Gord Goble | May 22, 2013
Patents are supposed to protect innovation, but some seem better designed to create confusion—or lawsuits.

It all started-- publicly anyway--in 2011, when Apple filed patent infringement suits against its South Korean rival. Samsung responded with countersuits, Apple fired back, and soon there were more suits than you'd find at a Men in Black convention.

But the peak of frivolousness undoubtedly arrived in late 2012, when the USPTO granted Apple one of the broadest "design patents" ever, for what amounts to a round-cornered rectangle--the shape that has graced virtually every mobile device...ever. "New and useful?" Er...

A blow for normalcy: The slide-to-unlock denial
2012

We end our look at the patently loony with a potential beacon of simple rationality shining in the seemingly eternal darkness of rights bickering and protectionism. For this, we go to the land of fish 'n' chips and really good soccer leagues, where a July 2012 judgment by the High Court of London could--repeat, could--have far-reaching impact.
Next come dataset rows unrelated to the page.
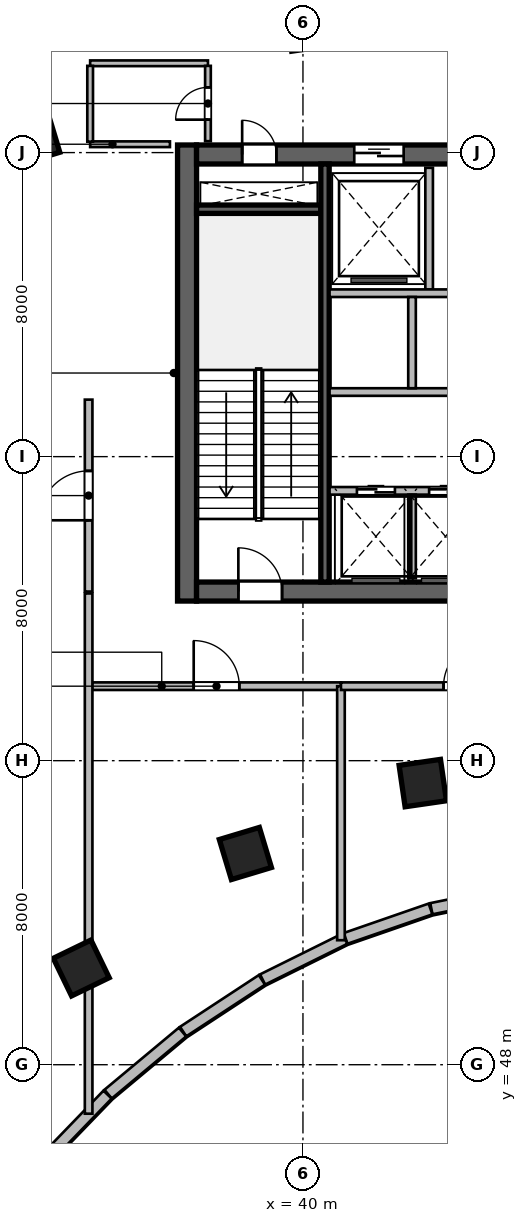
"""IFC4 building model, lengths in metres.
Left out: names, types, materials, properties, quantities, classifications, styles, units other than length and angle.
Written with IfcOpenShell. Run it as: python <this file> out.ifc"""

import sys

from ifc_helpers import new_model, si_unit, direction, frame, frame_2d, origin, origin_2d, place, context, subcontext, project, spatial, rectangle, extrude, source, transform, mapped, element, fill, save


model = new_model("IFC4")
c1 = context("Model", 3, precision=1e-05, world=origin(), true_north=direction((0.0, 1.0)))
c2 = subcontext(c1, "Body", "Model", "MODEL_VIEW")
j1 = project(units=[si_unit("LENGTHUNIT", "METRE"), si_unit("PLANEANGLEUNIT", "RADIAN")], contexts=[c1])
p1 = place(None, origin())
s1 = spatial("IfcSite", under=j1, at=p1, CompositionType="ELEMENT")
p2 = place(p1, origin())
s2 = spatial("IfcBuilding", under=s1, at=p2, CompositionType="ELEMENT")
p3 = place(p2, frame((0.0, 0.0, 85.8)))
s3 = spatial("IfcBuildingStorey", under=s2, at=p3, CompositionType="ELEMENT", Elevation=85.8)
m1 = source(origin(), c2, "Body", "SweptSolid", [
    extrude(rectangle(XDim=12.0, YDim=0.5, at=frame_2d((6.0, 0.0))), origin(), (0.0, 0.0, 1.0), 5.4),
])
p4 = place(p3, frame((36.95, 60.2, 0.0), z_axis=(0.0, 0.0, 1.0), x_axis=(0.0, 1.0, 0.0)))
e1 = element("IfcWall", 1, at=p4, inside=s3, PredefinedType="SHEAR", context=c2, shape_type="MappedRepresentation", body=[
    mapped(m1, transform((0.0, 0.0, 0.0), scale=1.0)),
])
m2 = source(origin(), c2, "Body", "SweptSolid", [
    extrude(rectangle(XDim=21.6, YDim=0.5, at=frame_2d((10.8, 0.0))), origin(), (0.0, 0.0, 1.0), 5.4),
])
p5 = place(p3, frame((37.2, 60.45, 0.0), z_axis=(0.0, 0.0, 1.0), x_axis=(1.0, 0.0, 0.0)))
e2 = element("IfcWall", 2, at=p5, inside=s3, PredefinedType="SHEAR", context=c2, shape_type="MappedRepresentation", body=[
    mapped(m2, transform((0.0, 0.0, 0.0), scale=1.0)),
])
p6 = place(p5, frame((1.1, 0.0, 0.0)))
e3 = element("IfcOpeningElement", 3, at=p6, cuts=e2, PredefinedType="OPENING", context=c2, shape_type="SweptSolid", body=[
    extrude(rectangle(XDim=1.15, YDim=2.15, at=frame_2d((0.575, 1.075))), frame((0.0, 0.26, 0.0), z_axis=(0.0, -1.0, 0.0), x_axis=(1.0, 0.0, 0.0)), (0.0, 0.0, 1.0), 0.52),
])
p7 = place(p5, frame((19.5, 0.0, 0.0)))
e4 = element("IfcOpeningElement", 4, at=p7, cuts=e2, PredefinedType="OPENING", context=c2, shape_type="SweptSolid", body=[
    extrude(rectangle(XDim=0.9, YDim=2.1, at=frame_2d((0.45, 1.05))), frame((0.0, 0.26, 0.0), z_axis=(0.0, -1.0, 0.0), x_axis=(1.0, 0.0, 0.0)), (0.0, 0.0, 1.0), 0.52),
])
p8 = place(p5, frame((12.02, 0.0, 0.0)))
e5 = element("IfcOpeningElement", 5, at=p8, cuts=e2, PredefinedType="OPENING", context=c2, shape_type="SweptSolid", body=[
    extrude(rectangle(XDim=1.6, YDim=2.15, at=frame_2d((0.8, 1.075))), frame((0.0, 0.26, 0.0), z_axis=(0.0, -1.0, 0.0), x_axis=(1.0, 0.0, 0.0)), (0.0, 0.0, 1.0), 0.52),
])
p9 = place(p3, frame((37.2, 71.95, 0.0), z_axis=(0.0, 0.0, 1.0), x_axis=(1.0, 0.0, 0.0)))
e6 = element("IfcWall", 6, at=p9, inside=s3, PredefinedType="SHEAR", context=c2, shape_type="MappedRepresentation", body=[
    mapped(m2, transform((0.0, 0.0, 0.0), scale=1.0)),
])
p10 = place(p9, frame((1.2, 0.0, 0.0)))
e7 = element("IfcOpeningElement", 7, at=p10, cuts=e6, PredefinedType="OPENING", context=c2, shape_type="SweptSolid", body=[
    extrude(rectangle(XDim=0.9, YDim=2.1, at=frame_2d((0.45, 1.05))), frame((0.0, 0.26, 0.0), z_axis=(0.0, -1.0, 0.0), x_axis=(1.0, 0.0, 0.0)), (0.0, 0.0, 1.0), 0.52),
])
p11 = place(p9, frame((14.7, 0.0, 0.0)))
e8 = element("IfcOpeningElement", 8, at=p11, cuts=e6, PredefinedType="OPENING", context=c2, shape_type="SweptSolid", body=[
    extrude(rectangle(XDim=1.2, YDim=2.15, at=frame_2d((0.6, 1.075))), frame((0.0, 0.26, 0.0), z_axis=(0.0, -1.0, 0.0), x_axis=(1.0, 0.0, 0.0)), (0.0, 0.0, 1.0), 0.52),
])
p12 = place(p9, frame((4.15, 0.0, 0.0)))
e9 = element("IfcOpeningElement", 9, at=p12, cuts=e6, PredefinedType="OPENING", context=c2, shape_type="SweptSolid", body=[
    extrude(rectangle(XDim=1.3, YDim=2.15, at=frame_2d((0.65, 1.075))), frame((0.0, 0.26, 0.0), z_axis=(0.0, -1.0, 0.0), x_axis=(1.0, 0.0, 0.0)), (0.0, 0.0, 1.0), 0.52),
])
p13 = place(p9, frame((7.25, 0.0, 0.0)))
e10 = element("IfcOpeningElement", 10, at=p13, cuts=e6, PredefinedType="OPENING", context=c2, shape_type="SweptSolid", body=[
    extrude(rectangle(XDim=0.9, YDim=2.1, at=frame_2d((0.45, 1.05))), frame((0.0, 0.26, 0.0), z_axis=(0.0, -1.0, 0.0), x_axis=(1.0, 0.0, 0.0)), (0.0, 0.0, 1.0), 0.52),
])
m3 = source(origin(), c2, "Body", "SweptSolid", [
    extrude(rectangle(XDim=3.27, YDim=0.22, at=frame_2d((1.635, 0.0))), origin(), (0.0, 0.0, 1.0), 5.4),
])
p14 = place(p3, frame((37.2, 70.51, 0.0), z_axis=(0.0, 0.0, 1.0), x_axis=(1.0, 0.0, 0.0)))
e11 = element("IfcWall", 11, at=p14, inside=s3, PredefinedType="SHEAR", context=c2, shape_type="MappedRepresentation", body=[
    mapped(m3, transform((0.0, 0.0, 0.0), scale=1.0)),
])
m4 = source(origin(), c2, "Body", "SweptSolid", [
    extrude(rectangle(XDim=11.0, YDim=0.22, at=frame_2d((5.5, 0.0))), origin(), (0.0, 0.0, 1.0), 5.4),
])
p15 = place(p3, frame((40.58, 60.7, 0.0), z_axis=(0.0, 0.0, 1.0), x_axis=(0.0, 1.0, 0.0)))
e12 = element("IfcWall", 12, at=p15, inside=s3, PredefinedType="SHEAR", context=c2, shape_type="MappedRepresentation", body=[
    mapped(m4, transform((0.0, 0.0, 0.0), scale=1.0)),
])
m5 = source(origin(), c2, "Body", "SweptSolid", [
    extrude(rectangle(XDim=1.1, YDim=1.1, at=origin_2d()), origin(), (0.0, 0.0, 1.0), 5.4),
])
for number, where, z_axis, x_axis in (
    (13, (34.166, 50.545, 0.0), (0.0, 0.0, 1.0), (-0.436, 0.9, 0.0)),
    (14, (38.485, 53.558, 0.0), (0.0, 0.0, 1.0), (-0.289, 0.957, 0.0)),
):
    element("IfcColumn", number, at=place(p3, frame(where, z_axis=z_axis, x_axis=x_axis)), inside=s3, PredefinedType="COLUMN", context=c2, shape_type="MappedRepresentation", body=[
        mapped(m5, transform((0.0, 0.0, 0.0), scale=1.0)),
    ])
m6 = source(origin(), c2, "Body", "SweptSolid", [
    extrude(rectangle(XDim=1.3, YDim=1.3, at=origin_2d()), origin(), (0.0, 0.0, 1.0), 5.4),
])
p16 = place(p3, frame((32.791, 72.442, 0.0), z_axis=(0.0, 0.0, 1.0), x_axis=(-0.288697611798, 0.957420330337, 0.0)))
e15 = element("IfcColumn", 15, at=p16, inside=s3, PredefinedType="COLUMN", context=c2, shape_type="MappedRepresentation", body=[
    mapped(m6, transform((0.0, 0.0, 0.0), scale=1.0)),
])
p17 = place(p3, frame((43.154, 55.411, 0.0), z_axis=(0.0, 0.0, 1.0), x_axis=(-0.143492621991, 0.98965138682, 0.0)))
e16 = element("IfcColumn", 16, at=p17, inside=s3, PredefinedType="COLUMN", context=c2, shape_type="MappedRepresentation", body=[
    mapped(m5, transform((0.0, 0.0, 0.0), scale=1.0)),
])
m7 = source(origin(), c2, "Body", "SweptSolid", [
    extrude(rectangle(XDim=2.328, YDim=0.3, at=frame_2d((1.164, 0.0))), origin(), (0.0, 0.0, 1.0), 5.15),
])
p18 = place(p3, frame((45.66, 52.572, 0.0), z_axis=(0.0, 0.0, 1.0), x_axis=(-0.979604817867, -0.200933821971, 0.0)))
e17 = element("IfcWall", 17, at=p18, inside=s3, PredefinedType="SOLIDWALL", context=c2, shape_type="MappedRepresentation", body=[
    mapped(m7, transform((0.0, 0.0, 0.0), scale=1.0)),
])
m8 = source(origin(), c2, "Body", "SweptSolid", [
    extrude(rectangle(XDim=2.364, YDim=0.3, at=frame_2d((1.182, 0.0))), origin(), (0.0, 0.0, 1.0), 5.15),
])
p19 = place(p3, frame((43.356, 52.098, 0.0), z_axis=(0.0, 0.0, 1.0), x_axis=(-0.944877958415, -0.327422729359, 0.0)))
e18 = element("IfcWall", 18, at=p19, inside=s3, PredefinedType="SOLIDWALL", context=c2, shape_type="MappedRepresentation", body=[
    mapped(m8, transform((0.0, 0.0, 0.0), scale=1.0)),
])
m9 = source(origin(), c2, "Body", "SweptSolid", [
    extrude(rectangle(XDim=2.415, YDim=0.3, at=frame_2d((1.208, 0.0))), origin(), (0.0, 0.0, 1.0), 5.15),
])
p20 = place(p3, frame((41.102, 51.315, 0.0), z_axis=(0.0, 0.0, 1.0), x_axis=(-0.895978588606, -0.444097251466, 0.0)))
e19 = element("IfcWall", 19, at=p20, inside=s3, PredefinedType="SOLIDWALL", context=c2, shape_type="MappedRepresentation", body=[
    mapped(m9, transform((0.0, 0.0, 0.0), scale=1.0)),
])
m10 = source(origin(), c2, "Body", "SweptSolid", [
    extrude(rectangle(XDim=2.478, YDim=0.3, at=frame_2d((1.239, 0.0))), origin(), (0.0, 0.0, 1.0), 5.15),
])
p21 = place(p3, frame((38.919, 50.232, 0.0), z_axis=(0.0, 0.0, 1.0), x_axis=(-0.835954701048, -0.548798449156, 0.0)))
e20 = element("IfcWall", 20, at=p21, inside=s3, PredefinedType="SOLIDWALL", context=c2, shape_type="MappedRepresentation", body=[
    mapped(m10, transform((0.0, 0.0, 0.0), scale=1.0)),
])
m11 = source(origin(), c2, "Body", "SweptSolid", [
    extrude(rectangle(XDim=2.551, YDim=0.3, at=frame_2d((1.275, 0.0))), origin(), (0.0, 0.0, 1.0), 5.15),
])
p22 = place(p3, frame((36.831, 48.86, 0.0), z_axis=(0.0, 0.0, 1.0), x_axis=(-0.767977995995, -0.640476227247, 0.0)))
e21 = element("IfcWall", 21, at=p22, inside=s3, PredefinedType="SOLIDWALL", context=c2, shape_type="MappedRepresentation", body=[
    mapped(m11, transform((0.0, 0.0, 0.0), scale=1.0)),
])
m12 = source(origin(), c2, "Body", "SweptSolid", [
    extrude(rectangle(XDim=2.628, YDim=0.3, at=frame_2d((1.314, 0.0))), origin(), (0.0, 0.0, 1.0), 5.15),
])
p23 = place(p3, frame((34.858, 47.213, 0.0), z_axis=(0.0, 0.0, 1.0), x_axis=(-0.694596171565, -0.719399859917, 0.0)))
e22 = element("IfcWall", 22, at=p23, inside=s3, PredefinedType="SOLIDWALL", context=c2, shape_type="MappedRepresentation", body=[
    mapped(m12, transform((0.0, 0.0, 0.0), scale=1.0)),
])
m13 = source(origin(), c2, "Body", "SweptSolid", [
    extrude(rectangle(XDim=3.2, YDim=0.2, at=frame_2d((1.6, 0.0))), origin(), (0.0, 0.0, 1.0), 5.15),
])
p24 = place(p3, frame((43.32, 68.4, 0.0), z_axis=(0.0, 0.0, 1.0), x_axis=(0.0, 1.0, 0.0)))
e23 = element("IfcWall", 23, at=p24, inside=s3, PredefinedType="SOLIDWALL", context=c2, shape_type="MappedRepresentation", body=[
    mapped(m13, transform((0.0, 0.0, 0.0), scale=1.0)),
])
m14 = source(origin(), c2, "Body", "SweptSolid", [
    extrude(rectangle(XDim=8.8, YDim=0.2, at=frame_2d((4.4, 0.0))), origin(), (0.0, 0.0, 1.0), 5.15),
])
p25 = place(p3, frame((40.7, 68.3, 0.0), z_axis=(0.0, 0.0, 1.0), x_axis=(1.0, 0.0, 0.0)))
e24 = element("IfcWall", 24, at=p25, inside=s3, PredefinedType="SOLIDWALL", context=c2, shape_type="MappedRepresentation", body=[
    mapped(m14, transform((0.0, 0.0, 0.0), scale=1.0)),
])
m15 = source(origin(), c2, "Body", "SweptSolid", [
    extrude(rectangle(XDim=8.02, YDim=0.2, at=frame_2d((4.01, 0.0))), origin(), (0.0, 0.0, 1.0), 5.15),
])
p26 = place(p3, frame((40.7, 63.1, 0.0), z_axis=(0.0, 0.0, 1.0), x_axis=(1.0, 0.0, 0.0)))
e25 = element("IfcWall", 25, at=p26, inside=s3, PredefinedType="SOLIDWALL", context=c2, shape_type="MappedRepresentation", body=[
    mapped(m15, transform((0.0, 0.0, 0.0), scale=1.0)),
])
p27 = place(p26, frame((0.72, 0.0, 0.0)))
e26 = element("IfcOpeningElement", 26, at=p27, cuts=e25, PredefinedType="OPENING", context=c2, shape_type="SweptSolid", body=[
    extrude(rectangle(XDim=1.0, YDim=2.15, at=frame_2d((0.5, 1.075))), frame((0.0, 0.11, 0.0), z_axis=(0.0, -1.0, 0.0), x_axis=(1.0, 0.0, 0.0)), (0.0, 0.0, 1.0), 0.22),
])
p28 = place(p26, frame((2.62, 0.0, 0.0)))
e27 = element("IfcOpeningElement", 27, at=p28, cuts=e25, PredefinedType="OPENING", context=c2, shape_type="SweptSolid", body=[
    extrude(rectangle(XDim=1.0, YDim=2.15, at=frame_2d((0.5, 1.075))), frame((0.0, 0.11, 0.0), z_axis=(0.0, -1.0, 0.0), x_axis=(1.0, 0.0, 0.0)), (0.0, 0.0, 1.0), 0.22),
])
p29 = place(p26, frame((4.55, 0.0, 0.0)))
e28 = element("IfcOpeningElement", 28, at=p29, cuts=e25, PredefinedType="OPENING", context=c2, shape_type="SweptSolid", body=[
    extrude(rectangle(XDim=1.0, YDim=2.15, at=frame_2d((0.5, 1.075))), frame((0.0, 0.11, 0.0), z_axis=(0.0, -1.0, 0.0), x_axis=(1.0, 0.0, 0.0)), (0.0, 0.0, 1.0), 0.22),
])
p30 = place(p26, frame((6.55, 0.0, 0.0)))
e29 = element("IfcOpeningElement", 29, at=p30, cuts=e25, PredefinedType="OPENING", context=c2, shape_type="SweptSolid", body=[
    extrude(rectangle(XDim=1.0, YDim=2.15, at=frame_2d((0.5, 1.075))), frame((0.0, 0.11, 0.0), z_axis=(0.0, -1.0, 0.0), x_axis=(1.0, 0.0, 0.0)), (0.0, 0.0, 1.0), 0.22),
])
m16 = source(origin(), c2, "Body", "SweptSolid", [
    extrude(rectangle(XDim=2.2, YDim=0.2, at=frame_2d((1.1, 0.0))), origin(), (0.0, 0.0, 1.0), 5.15),
])
p31 = place(p3, frame((42.87, 60.8, 0.0), z_axis=(0.0, 0.0, 1.0), x_axis=(0.0, 1.0, 0.0)))
e30 = element("IfcWall", 30, at=p31, inside=s3, PredefinedType="SOLIDWALL", context=c2, shape_type="MappedRepresentation", body=[
    mapped(m16, transform((0.0, 0.0, 0.0), scale=1.0)),
])
p32 = place(p3, frame((40.7, 65.7, 0.0), z_axis=(0.0, 0.0, 1.0), x_axis=(1.0, 0.0, 0.0)))
e31 = element("IfcWall", 31, at=p32, inside=s3, PredefinedType="SOLIDWALL", context=c2, shape_type="MappedRepresentation", body=[
    mapped(m14, transform((0.0, 0.0, 0.0), scale=1.0)),
])
m17 = source(origin(), c2, "Body", "SweptSolid", [
    extrude(rectangle(XDim=2.4, YDim=0.2, at=frame_2d((1.2, 0.0))), origin(), (0.0, 0.0, 1.0), 5.15),
])
p33 = place(p3, frame((42.87, 65.8, 0.0), z_axis=(0.0, 0.0, 1.0), x_axis=(0.0, 1.0, 0.0)))
e32 = element("IfcWall", 32, at=p33, inside=s3, PredefinedType="SOLIDWALL", context=c2, shape_type="MappedRepresentation", body=[
    mapped(m17, transform((0.0, 0.0, 0.0), scale=1.0)),
])
m18 = source(origin(), c2, "Body", "SweptSolid", [
    extrude(rectangle(XDim=2.1, YDim=0.15, at=frame_2d((1.05, 0.0))), origin(), (0.0, 0.0, 1.0), 5.15),
])
p34 = place(p3, frame((34.4, 72.22, 0.0), z_axis=(0.0, 0.0, 1.0), x_axis=(1.0, 0.0, 0.0)))
e33 = element("IfcWall", 33, at=p34, inside=s3, PredefinedType="PARTITIONING", context=c2, shape_type="MappedRepresentation", body=[
    mapped(m18, transform((0.0, 0.0, 0.0), scale=1.0)),
])
m19 = source(origin(), c2, "Body", "SweptSolid", [
    extrude(rectangle(XDim=3.1, YDim=0.15, at=frame_2d((1.55, 0.0))), origin(), (0.0, 0.0, 1.0), 2.425),
])
p35 = place(p3, frame((34.4, 74.35, 0.0), z_axis=(0.0, 0.0, 1.0), x_axis=(1.0, 0.0, 0.0)))
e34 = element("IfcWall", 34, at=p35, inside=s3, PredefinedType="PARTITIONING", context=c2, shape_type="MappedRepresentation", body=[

When it ruled that HTC had not infringed on Apple's "slide to unlock" patent, concluding that slide to unlock is an "obvious" evolution in mobile devices, it may have set the stage for future common-sense judicial findings. Another such ruling was the April 2013 decision by Bundespatentgericht, Germany's Federal Patent Court, to invalidate all prior Apple slide-to-unlock patents in that country. The Bundespatentgericht concluded that Apple's patents lacked "technical innovation."

Hey, U.S. Patent and Trademark Office! Are you paying attention?